When we consider insurance, we tend to focus on the physical: our homes, our vehicles and our bodies. And certainly, homeowners insurance, auto insurance, health insurance and life insurance form a pretty good goal-line defense against life’s unpredictable offense.
But businesses of all sizes today face a threat they can neither touch nor see: cyber crime. Unfortunately, the effects of cyber attack can be just as devastating to a business as the physical threats from flood, fire or other manmade or natural disasters.
As the business world moves from paper trails to vapor trails and data increasingly migrates into “the cloud,” data breaches have become the great bank robberies of our day, with this difference: cyber robbers steal consumer trust in the breached company along with the purloined data.
The “Big I,” aka Independent Insurance Agents & Brokers of America, just released a prototype data security plan it hopes will help its network of 300,000 agents and brokers shore up their digital barricades as soundly as homeowners insurance or auto insurance.
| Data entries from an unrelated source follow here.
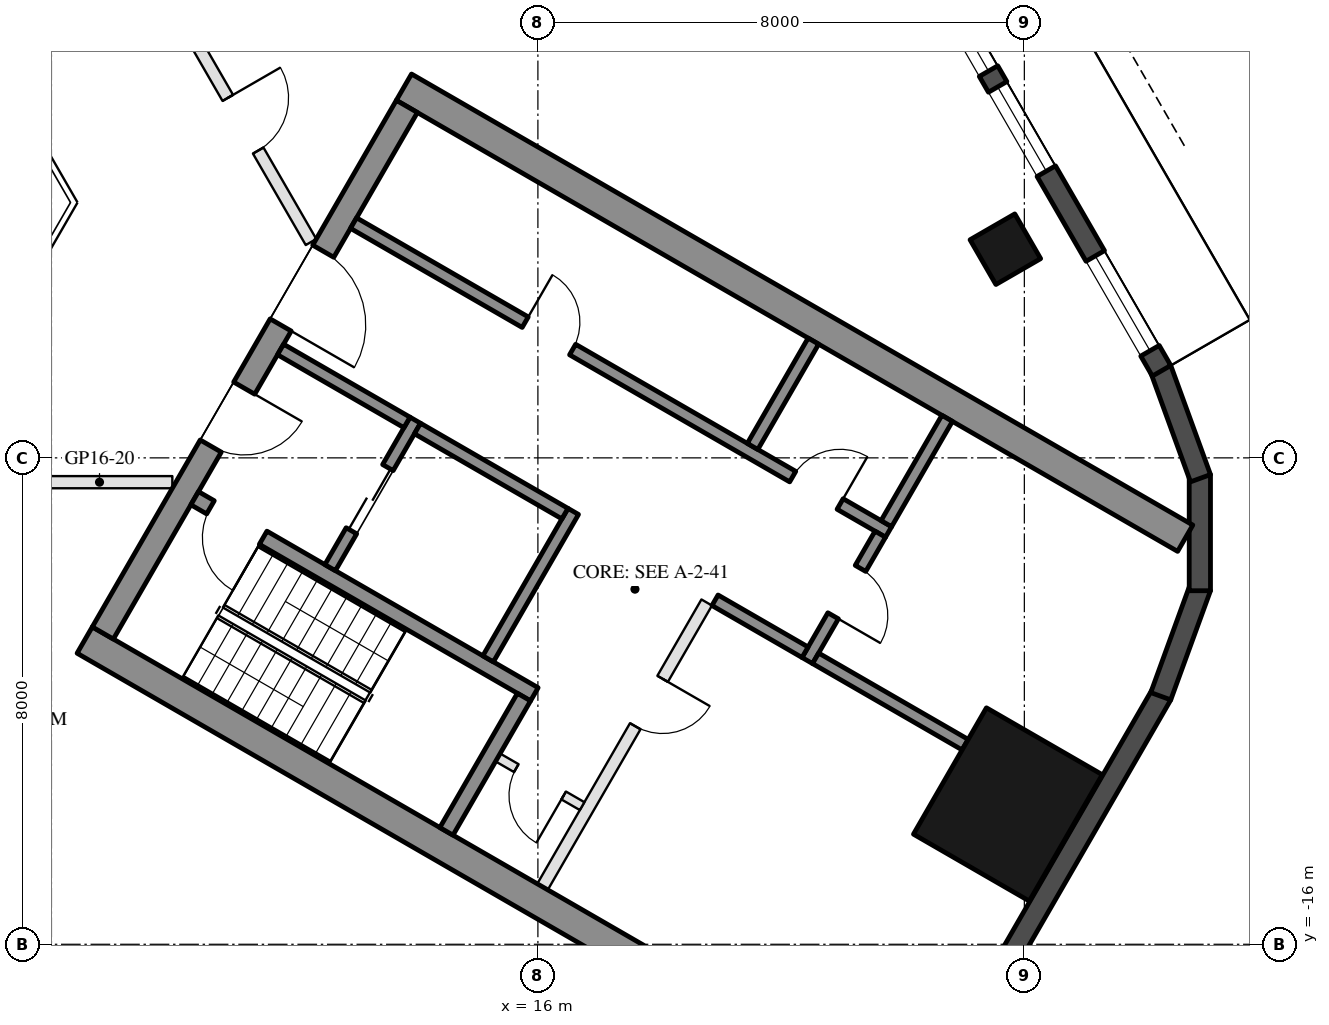
"""IFC4 building model, lengths in metres.
Left out: names, types, materials, properties, quantities, classifications, styles, units other than length and angle.
Written with IfcOpenShell. Run it as: python <this file> out.ifc"""

import sys

from ifc_helpers import new_model, si_unit, direction, frame, frame_2d, origin, origin_2d, place, context, subcontext, project, spatial, rectangle, hollow_rectangle, extrude, element, fill, save


model = new_model("IFC4")
c1 = context("Model", 3, precision=1e-05, world=origin(), true_north=direction((0.0, 1.0)))
c2 = subcontext(c1, "Body", "Model", "MODEL_VIEW")
j1 = project(units=[si_unit("LENGTHUNIT", "METRE"), si_unit("PLANEANGLEUNIT", "RADIAN")], contexts=[c1])
p1 = place(None, origin())
s1 = spatial("IfcSite", under=j1, at=p1, CompositionType="ELEMENT")
p2 = place(p1, origin())
s2 = spatial("IfcBuilding", under=s1, at=p2, CompositionType="ELEMENT")
p3 = place(p2, frame((0.0, 0.0, 176.2)))
s3 = spatial("IfcBuildingStorey", under=s2, at=p3, CompositionType="ELEMENT", Elevation=176.2)
p4 = place(p3, frame((23.688, -4.568, 0.0), z_axis=(0.0, 0.0, 1.0), x_axis=(-0.5, 0.866025403784, 0.0)))
e1 = element("IfcColumn", 1, at=p4, inside=s3, PredefinedType="COLUMN", context=c2, shape_type="SweptSolid", body=[
    extrude(hollow_rectangle(XDim=0.85, YDim=0.85, WallThickness=0.04, at=origin_2d()), origin(), (0.0, 0.0, 1.0), 3.7),
])
p5 = place(p3, frame((23.729, -13.7, 0.0), z_axis=(0.0, 0.0, 1.0), x_axis=(0.5, 0.866025403784, 0.0)))
e2 = element("IfcColumn", 2, at=p5, inside=s3, PredefinedType="COLUMN", context=c2, shape_type="SweptSolid", body=[
    extrude(hollow_rectangle(XDim=2.4, YDim=2.2, WallThickness=0.06, at=origin_2d()), origin(), (0.0, 0.0, 1.0), 3.7),
])
p6 = place(p3, frame((23.427, -16.792, 0.0), z_axis=(0.0, 0.0, 1.0), x_axis=(0.500018773155, 0.866014564827, 0.0)))
e3 = element("IfcWall", 3, at=p6, inside=s3, PredefinedType="SOLIDWALL", context=c2, shape_type="SweptSolid", body=[
    extrude(rectangle(XDim=5.658, YDim=0.35, at=frame_2d((2.829, 0.0))), origin(), (0.0, 0.0, 1.0), 3.55),
])
for number, where, z_axis, x_axis in (
    (4, (26.244, -11.92, 0.0), (0.0, 0.0, 1.0), (0.342, 0.94, 0.0)),
    (5, (26.886, -10.185, 0.0), (0.0, 0.0, 1.0), (0.0, 1.0, 0.0)),
    (6, (26.897, -8.335, 0.0), (0.0, 0.0, 1.0), (-0.342, 0.94, 0.0)),
):
    element("IfcWall", number, at=place(p3, frame(where, z_axis=z_axis, x_axis=x_axis)), inside=s3, PredefinedType="SOLIDWALL", context=c2, shape_type="SweptSolid", body=[
        extrude(rectangle(XDim=1.91, YDim=0.35, at=frame_2d((0.955, 0.0))), origin(), (0.0, 0.0, 1.0), 3.55),
    ])
p7 = place(p3, frame((26.257, -6.567, 0.0), z_axis=(0.0, 0.0, 1.0), x_axis=(-0.500023526245, 0.866011820475, 0.0)))
e7 = element("IfcWall", 7, at=p7, inside=s3, PredefinedType="SOLIDWALL", context=c2, shape_type="SweptSolid", body=[
    extrude(rectangle(XDim=11.816, YDim=0.35, at=frame_2d((5.908, 0.0))), origin(), (0.0, 0.0, 1.0), 3.55),
])
p8 = place(p7, frame((0.38, 0.0, 0.3)))
e8 = element("IfcOpeningElement", 8, at=p8, cuts=e7, PredefinedType="OPENING", context=c2, shape_type="SweptSolid", body=[
    extrude(rectangle(XDim=1.8, YDim=2.65, at=frame_2d((0.9, 1.325))), frame((0.0, 0.185, 0.0), z_axis=(0.0, -1.0, 0.0), x_axis=(1.0, 0.0, 0.0)), (0.0, 0.0, 1.0), 0.37),
])
p9 = place(p7, frame((7.741, 0.0, 0.0)))
e9 = element("IfcOpeningElement", 9, at=p9, cuts=e7, PredefinedType="OPENING", context=c2, shape_type="SweptSolid", body=[
    extrude(rectangle(XDim=2.4, YDim=2.4, at=frame_2d((1.2, 1.2))), frame((0.0, 0.185, 0.0), z_axis=(0.0, -1.0, 0.0), x_axis=(1.0, 0.0, 0.0)), (0.0, 0.0, 1.0), 0.37),
])
p10 = place(p7, frame((3.791, 0.0, 0.3)))
e10 = element("IfcOpeningElement", 10, at=p10, cuts=e7, PredefinedType="OPENING", context=c2, shape_type="SweptSolid", body=[
    extrude(rectangle(XDim=1.6, YDim=2.65, at=frame_2d((0.8, 1.325))), frame((0.0, 0.185, 0.0), z_axis=(0.0, -1.0, 0.0), x_axis=(1.0, 0.0, 0.0)), (0.0, 0.0, 1.0), 0.37),
])
p11 = place(p7, frame((5.691, 0.0, 0.3)))
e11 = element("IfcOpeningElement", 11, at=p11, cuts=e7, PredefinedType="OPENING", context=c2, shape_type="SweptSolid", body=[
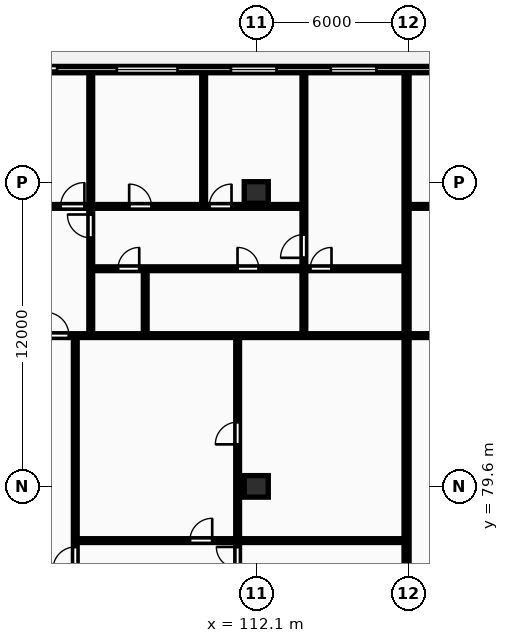
"""IFC4 building model, lengths in metres.
Left out: names, types, materials, properties, quantities, classifications, styles, units other than length and angle.
Written with IfcOpenShell. Run it as: python <this file> out.ifc"""

import sys

from ifc_helpers import new_model, si_unit, direction, frame, frame_2d, origin, origin_2d, place, context, subcontext, project, spatial, rectangle, extrude, element, fill, save


model = new_model("IFC4")
c1 = context("Model", 3, precision=1e-05, world=origin(), true_north=direction((0.0, 1.0)))
c2 = subcontext(c1, "Body", "Model", "MODEL_VIEW")
j1 = project(units=[si_unit("LENGTHUNIT", "METRE"), si_unit("PLANEANGLEUNIT", "RADIAN")], contexts=[c1])
p1 = place(None, origin())
s1 = spatial("IfcSite", under=j1, at=p1, CompositionType="ELEMENT")
p2 = place(p1, origin())
s2 = spatial("IfcBuilding", under=s1, at=p2, CompositionType="ELEMENT")
p3 = place(p2, frame((0.0, 0.0, 80.8)))
s3 = spatial("IfcBuildingStorey", under=s2, at=p3, CompositionType="ELEMENT", Elevation=80.8)
for number, where, z_axis, x_axis in (
    (1, (112.1, 79.6, 0.0), (0.0, 0.0, 1.0), (1.0, 0.0, 0.0)),
    (2, (112.1, 91.2, 0.0), (0.0, 0.0, 1.0), (1.0, 0.0, 0.0)),
):
    element("IfcColumn", number, at=place(p3, frame(where, z_axis=z_axis, x_axis=x_axis)), inside=s3, PredefinedType="COLUMN", context=c2, shape_type="SweptSolid", body=[
        extrude(rectangle(XDim=0.95, YDim=0.85, at=origin_2d()), origin(), (0.0, 0.0, 1.0), 3.25),
    ])
p4 = place(p3, frame((130.6, 96.05, 0.0), z_axis=(0.0, 0.0, 1.0), x_axis=(-1.0, 0.0, 0.0)))
e3 = element("IfcWall", 3, at=p4, inside=s3, PredefinedType="STANDARD", context=c2, shape_type="SweptSolid", body=[
    extrude(rectangle(XDim=73.0, YDim=0.25, at=frame_2d((36.5, 0.0))), origin(), (0.0, 0.0, 1.0), 2.97),
])
p5 = place(p4, frame((67.867, 0.0, 0.0)))
e4 = element("IfcOpeningElement", 4, at=p5, cuts=e3, PredefinedType="OPENING", context=c2, shape_type="SweptSolid", body=[
    extrude(rectangle(XDim=1.8, YDim=2.2, at=frame_2d((0.9, 1.1))), frame((0.0, 0.135, 0.0), z_axis=(0.0, -1.0, 0.0), x_axis=(1.0, 0.0, 0.0)), (0.0, 0.0, 1.0), 0.27),
])
p6 = place(p4, frame((62.103, 0.0, 0.85)))
e5 = element("IfcOpeningElement", 5, at=p6, cuts=e3, PredefinedType="OPENING", context=c2, shape_type="SweptSolid", body=[
    extrude(rectangle(XDim=1.8, YDim=1.8, at=frame_2d((0.9, 0.9))), frame((0.0, 0.135, 0.0), z_axis=(0.0, -1.0, 0.0), x_axis=(1.0, 0.0, 0.0)), (0.0, 0.0, 1.0), 0.27),
])
p7 = place(p4, frame((56.196, 0.0, 0.0)))
e6 = element("IfcOpeningElement", 6, at=p7, cuts=e3, PredefinedType="OPENING", context=c2, shape_type="SweptSolid", body=[
    extrude(rectangle(XDim=1.8, YDim=2.2, at=frame_2d((0.9, 1.1))), frame((0.0, 0.135, 0.0), z_axis=(0.0, -1.0, 0.0), x_axis=(1.0, 0.0, 0.0)), (0.0, 0.0, 1.0), 0.27),
])
p8 = place(p4, frame((46.557, 0.0, 0.85)))
e7 = element("IfcOpeningElement", 7, at=p8, cuts=e3, PredefinedType="OPENING", context=c2, shape_type="SweptSolid", body=[
    extrude(rectangle(XDim=2.4, YDim=1.9, at=frame_2d((1.2, 0.95))), frame((0.0, 0.135, 0.0), z_axis=(0.0, -1.0, 0.0), x_axis=(1.0, 0.0, 0.0)), (0.0, 0.0, 1.0), 0.27),
])
p9 = place(p4, frame((36.714, 0.0, 0.0)))
e8 = element("IfcOpeningElement", 8, at=p9, cuts=e3, PredefinedType="OPENING", context=c2, shape_type="SweptSolid", body=[
    extrude(rectangle(XDim=1.8, YDim=2.2, at=frame_2d((0.9, 1.1))), frame((0.0, 0.135, 0.0), z_axis=(0.0, -1.0, 0.0), x_axis=(1.0, 0.0, 0.0)), (0.0, 0.0, 1.0), 0.27),
])
p10 = place(p4, frame((30.483, 0.0, 0.85)))
e9 = element("IfcOpeningElement", 9, at=p10, cuts=e3, PredefinedType="OPENING", context=c2, shape_type="SweptSolid", body=[
    extrude(rectangle(XDim=1.8, YDim=1.8, at=frame_2d((0.9, 0.9))), frame((0.0, 0.135, 0.0), z_axis=(0.0, -1.0, 0.0), x_axis=(1.0, 0.0, 0.0)), (0.0, 0.0, 1.0), 0.27),
])
p11 = place(p4, frame((21.604, 0.0, 0.85)))
e10 = element("IfcOpeningElement", 10, at=p11, cuts=e3, PredefinedType="OPENING", context=c2, shape_type="SweptSolid", body=[
    extrude(rectangle(XDim=2.4, YDim=1.9, at=frame_2d((1.2, 0.95))), frame((0.0, 0.135, 0.0), z_axis=(0.0, -1.0, 0.0), x_axis=(1.0, 0.0, 0.0)), (0.0, 0.0, 1.0), 0.27),
])
p12 = place(p4, frame((17.698, 0.0, 0.85)))
e11 = element("IfcOpeningElement", 11, at=p12, cuts=e3, PredefinedType="OPENING", context=c2, shape_type="SweptSolid", body=[
    extrude(rectangle(XDim=1.8, YDim=1.8, at=frame_2d((0.9, 0.9))), frame((0.0, 0.135, 0.0), z_axis=(0.0, -1.0, 0.0), x_axis=(1.0, 0.0, 0.0)), (0.0, 0.0, 1.0), 0.27),
])
p13 = place(p4, frame((26.363, 0.0, 0.0)))
e12 = element("IfcOpeningElement", 12, at=p13, cuts=e3, PredefinedType="OPENING", context=c2, shape_type="SweptSolid", body=[
    extrude(rectangle(XDim=1.8, YDim=2.2, at=frame_2d((0.9, 1.1))), frame((0.0, 0.135, 0.0), z_axis=(0.0, -1.0, 0.0), x_axis=(1.0, 0.0, 0.0)), (0.0, 0.0, 1.0), 0.27),
])
p14 = place(p4, frame((13.753, 0.0, 0.85)))
e13 = element("IfcOpeningElement", 13, at=p14, cuts=e3, PredefinedType="OPENING", context=c2, shape_type="SweptSolid", body=[
    extrude(rectangle(XDim=1.8, YDim=1.8, at=frame_2d((0.9, 0.9))), frame((0.0, 0.135, 0.0), z_axis=(0.0, -1.0, 0.0), x_axis=(1.0, 0.0, 0.0)), (0.0, 0.0, 1.0), 0.27),
])
p15 = place(p4, frame((7.363, 0.0, 0.0)))
e14 = element("IfcOpeningElement", 14, at=p15, cuts=e3, PredefinedType="OPENING", context=c2, shape_type="SweptSolid", body=[
    extrude(rectangle(XDim=1.8, YDim=2.2, at=frame_2d((0.9, 1.1))), frame((0.0, 0.135, 0.0), z_axis=(0.0, -1.0, 0.0), x_axis=(1.0, 0.0, 0.0)), (0.0, 0.0, 1.0), 0.27),
])
p16 = place(p4, frame((0.9, 0.0, 0.85)))
e15 = element("IfcOpeningElement", 15, at=p16, cuts=e3, PredefinedType="OPENING", context=c2, shape_type="SweptSolid", body=[
    extrude(rectangle(XDim=2.4, YDim=1.9, at=frame_2d((1.2, 0.95))), frame((0.0, 0.135, 0.0), z_axis=(0.0, -1.0, 0.0), x_axis=(1.0, 0.0, 0.0)), (0.0, 0.0, 1.0), 0.27),
])
p17 = place(p3, frame((118.033, 69.43, 0.0), z_axis=(0.0, 0.0, 1.0), x_axis=(0.0, 1.0, 0.0)))
e16 = element("IfcWall", 16, at=p17, inside=s3, PredefinedType="PARTITIONING", context=c2, shape_type="SweptSolid", body=[
    extrude(rectangle(XDim=26.47, YDim=0.2, at=frame_2d((13.235, 0.0))), origin(), (0.0, 0.0, 1.0), 2.97),
])
p18 = place(p3, frame((111.365, 69.41, 0.0), z_axis=(0.0, 0.0, 1.0), x_axis=(0.0, 1.0, 0.0)))
e17 = element("IfcWall", 17, at=p18, inside=s3, PredefinedType="PARTITIONING", context=c2, shape_type="SweptSolid", body=[
    extrude(rectangle(XDim=16.1, YDim=0.15, at=frame_2d((8.05, 0.0))), origin(), (0.0, 0.0, 1.0), 2.97),
])
p19 = place(p18, frame((6.96, 0.0, 0.0)))
e18 = element("IfcOpeningElement", 18, at=p19, cuts=e17, PredefinedType="OPENING", context=c2, shape_type="SweptSolid", body=[
    extrude(rectangle(XDim=0.84, YDim=2.04, at=frame_2d((0.42, 1.02))), frame((0.0, 0.085, 0.0), z_axis=(0.0, -1.0, 0.0), x_axis=(1.0, 0.0, 0.0)), (0.0, 0.0, 1.0), 0.17),
])
p20 = place(p18, frame((11.848, 0.0, 0.0)))
e19 = element("IfcOpeningElement", 19, at=p20, cuts=e17, PredefinedType="OPENING", context=c2, shape_type="SweptSolid", body=[
    extrude(rectangle(XDim=0.88, YDim=2.06, at=frame_2d((0.44, 1.03))), frame((0.0, 0.085, 0.0), z_axis=(0.0, -1.0, 0.0), x_axis=(1.0, 0.0, 0.0)), (0.0, 0.0, 1.0), 0.17),
])
p21 = place(p3, frame((105.017, 77.46, 0.0), z_axis=(0.0, 0.0, 1.0), x_axis=(1.0, 0.0, 0.0)))
e20 = element("IfcWall", 20, at=p21, inside=s3, PredefinedType="PARTITIONING", context=c2, shape_type="SweptSolid", body=[
    extrude(rectangle(XDim=12.936, YDim=0.15, at=frame_2d((6.468, 0.0))), origin(), (0.0, 0.0, 1.0), 2.97),
])
p22 = place(p21, frame((4.464, 0.0, 0.0)))
e21 = element("IfcOpeningElement", 21, at=p22, cuts=e20, PredefinedType="OPENING", context=c2, shape_type="SweptSolid", body=[
    extrude(rectangle(XDim=0.88, YDim=2.06, at=frame_2d((0.44, 1.03))), frame((0.0, 0.085, 0.0), z_axis=(0.0, -1.0, 0.0), x_axis=(1.0, 0.0, 0.0)), (0.0, 0.0, 1.0), 0.17),
])
p23 = place(p3, frame((104.957, 69.41, 0.0), z_axis=(0.0, 0.0, 1.0), x_axis=(0.0, 1.0, 0.0)))
e22 = element("IfcWall", 22, at=p23, inside=s3, PredefinedType="PARTITIONING", context=c2, shape_type="SweptSolid", body=[
    extrude(rectangle(XDim=16.1, YDim=0.15, at=frame_2d((8.05, 0.0))), origin(), (0.0, 0.0, 1.0), 2.97),
])
p24 = place(p23, frame((6.92, 0.0, 0.0)))
e23 = element("IfcOpeningElement", 23, at=p24, cuts=e22, PredefinedType="OPENING", context=c2, shape_type="SweptSolid", body=[
    extrude(rectangle(XDim=0.88, YDim=2.06, at=frame_2d((0.44, 1.03))), frame((0.0, 0.085, 0.0), z_axis=(0.0, -1.0, 0.0), x_axis=(1.0, 0.0, 0.0)), (0.0, 0.0, 1.0), 0.17),
])
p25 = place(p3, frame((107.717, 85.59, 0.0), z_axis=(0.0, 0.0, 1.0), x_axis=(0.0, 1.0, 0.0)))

It’s far from easy given the e-conveniences we enjoy today via websites, e-mail, texting and cell phone aps.
The insurance industry has responded to this virtual threat with real insurance known as cyber-risk coverage. According to the Insurance Information Institute, insurers usually issue cyber insurance as a stand-alone policy that covers the costs of specific risks, including loss or corruption of data, business interruption, liability, identity theft and crisis management. Cyber policies also may cover the cost of offering a reward for information to catch the hacker or to settle a cyber extortion threat to a company’s network.
Cyber-risk coverage can cost from several thousand dollars for a small business to several hundred thousand for major corporations, according to the III. If you think businesses are not beating down their agent’s door to sign up, you’re right: a 2008 Ernst & Young report found that only 13 percent of those surveyed had such coverage and only 20 percent had a cyber-risk strategy.
So cyber insurance is out there, it’s real, and so far it’s prohibitively expensive for many businesses. But what about those millions of consumers whose identities are compromised? Sure, the credit card companies offer zero liability on card attacks (the last thing they want is for consumers to lose confidence in online shopping), but they offer little help in putting your life back in order when your identity has been hijacked.
Who’s got your back in this invisible, digital world? I’m not talking about the identity theft products out there, most of which have serious gaps or financial drawbacks. I’m suggesting something on the order of a homeowners insurance rider or even a health insurance rider that would shoulder some of the risk we now carry alone.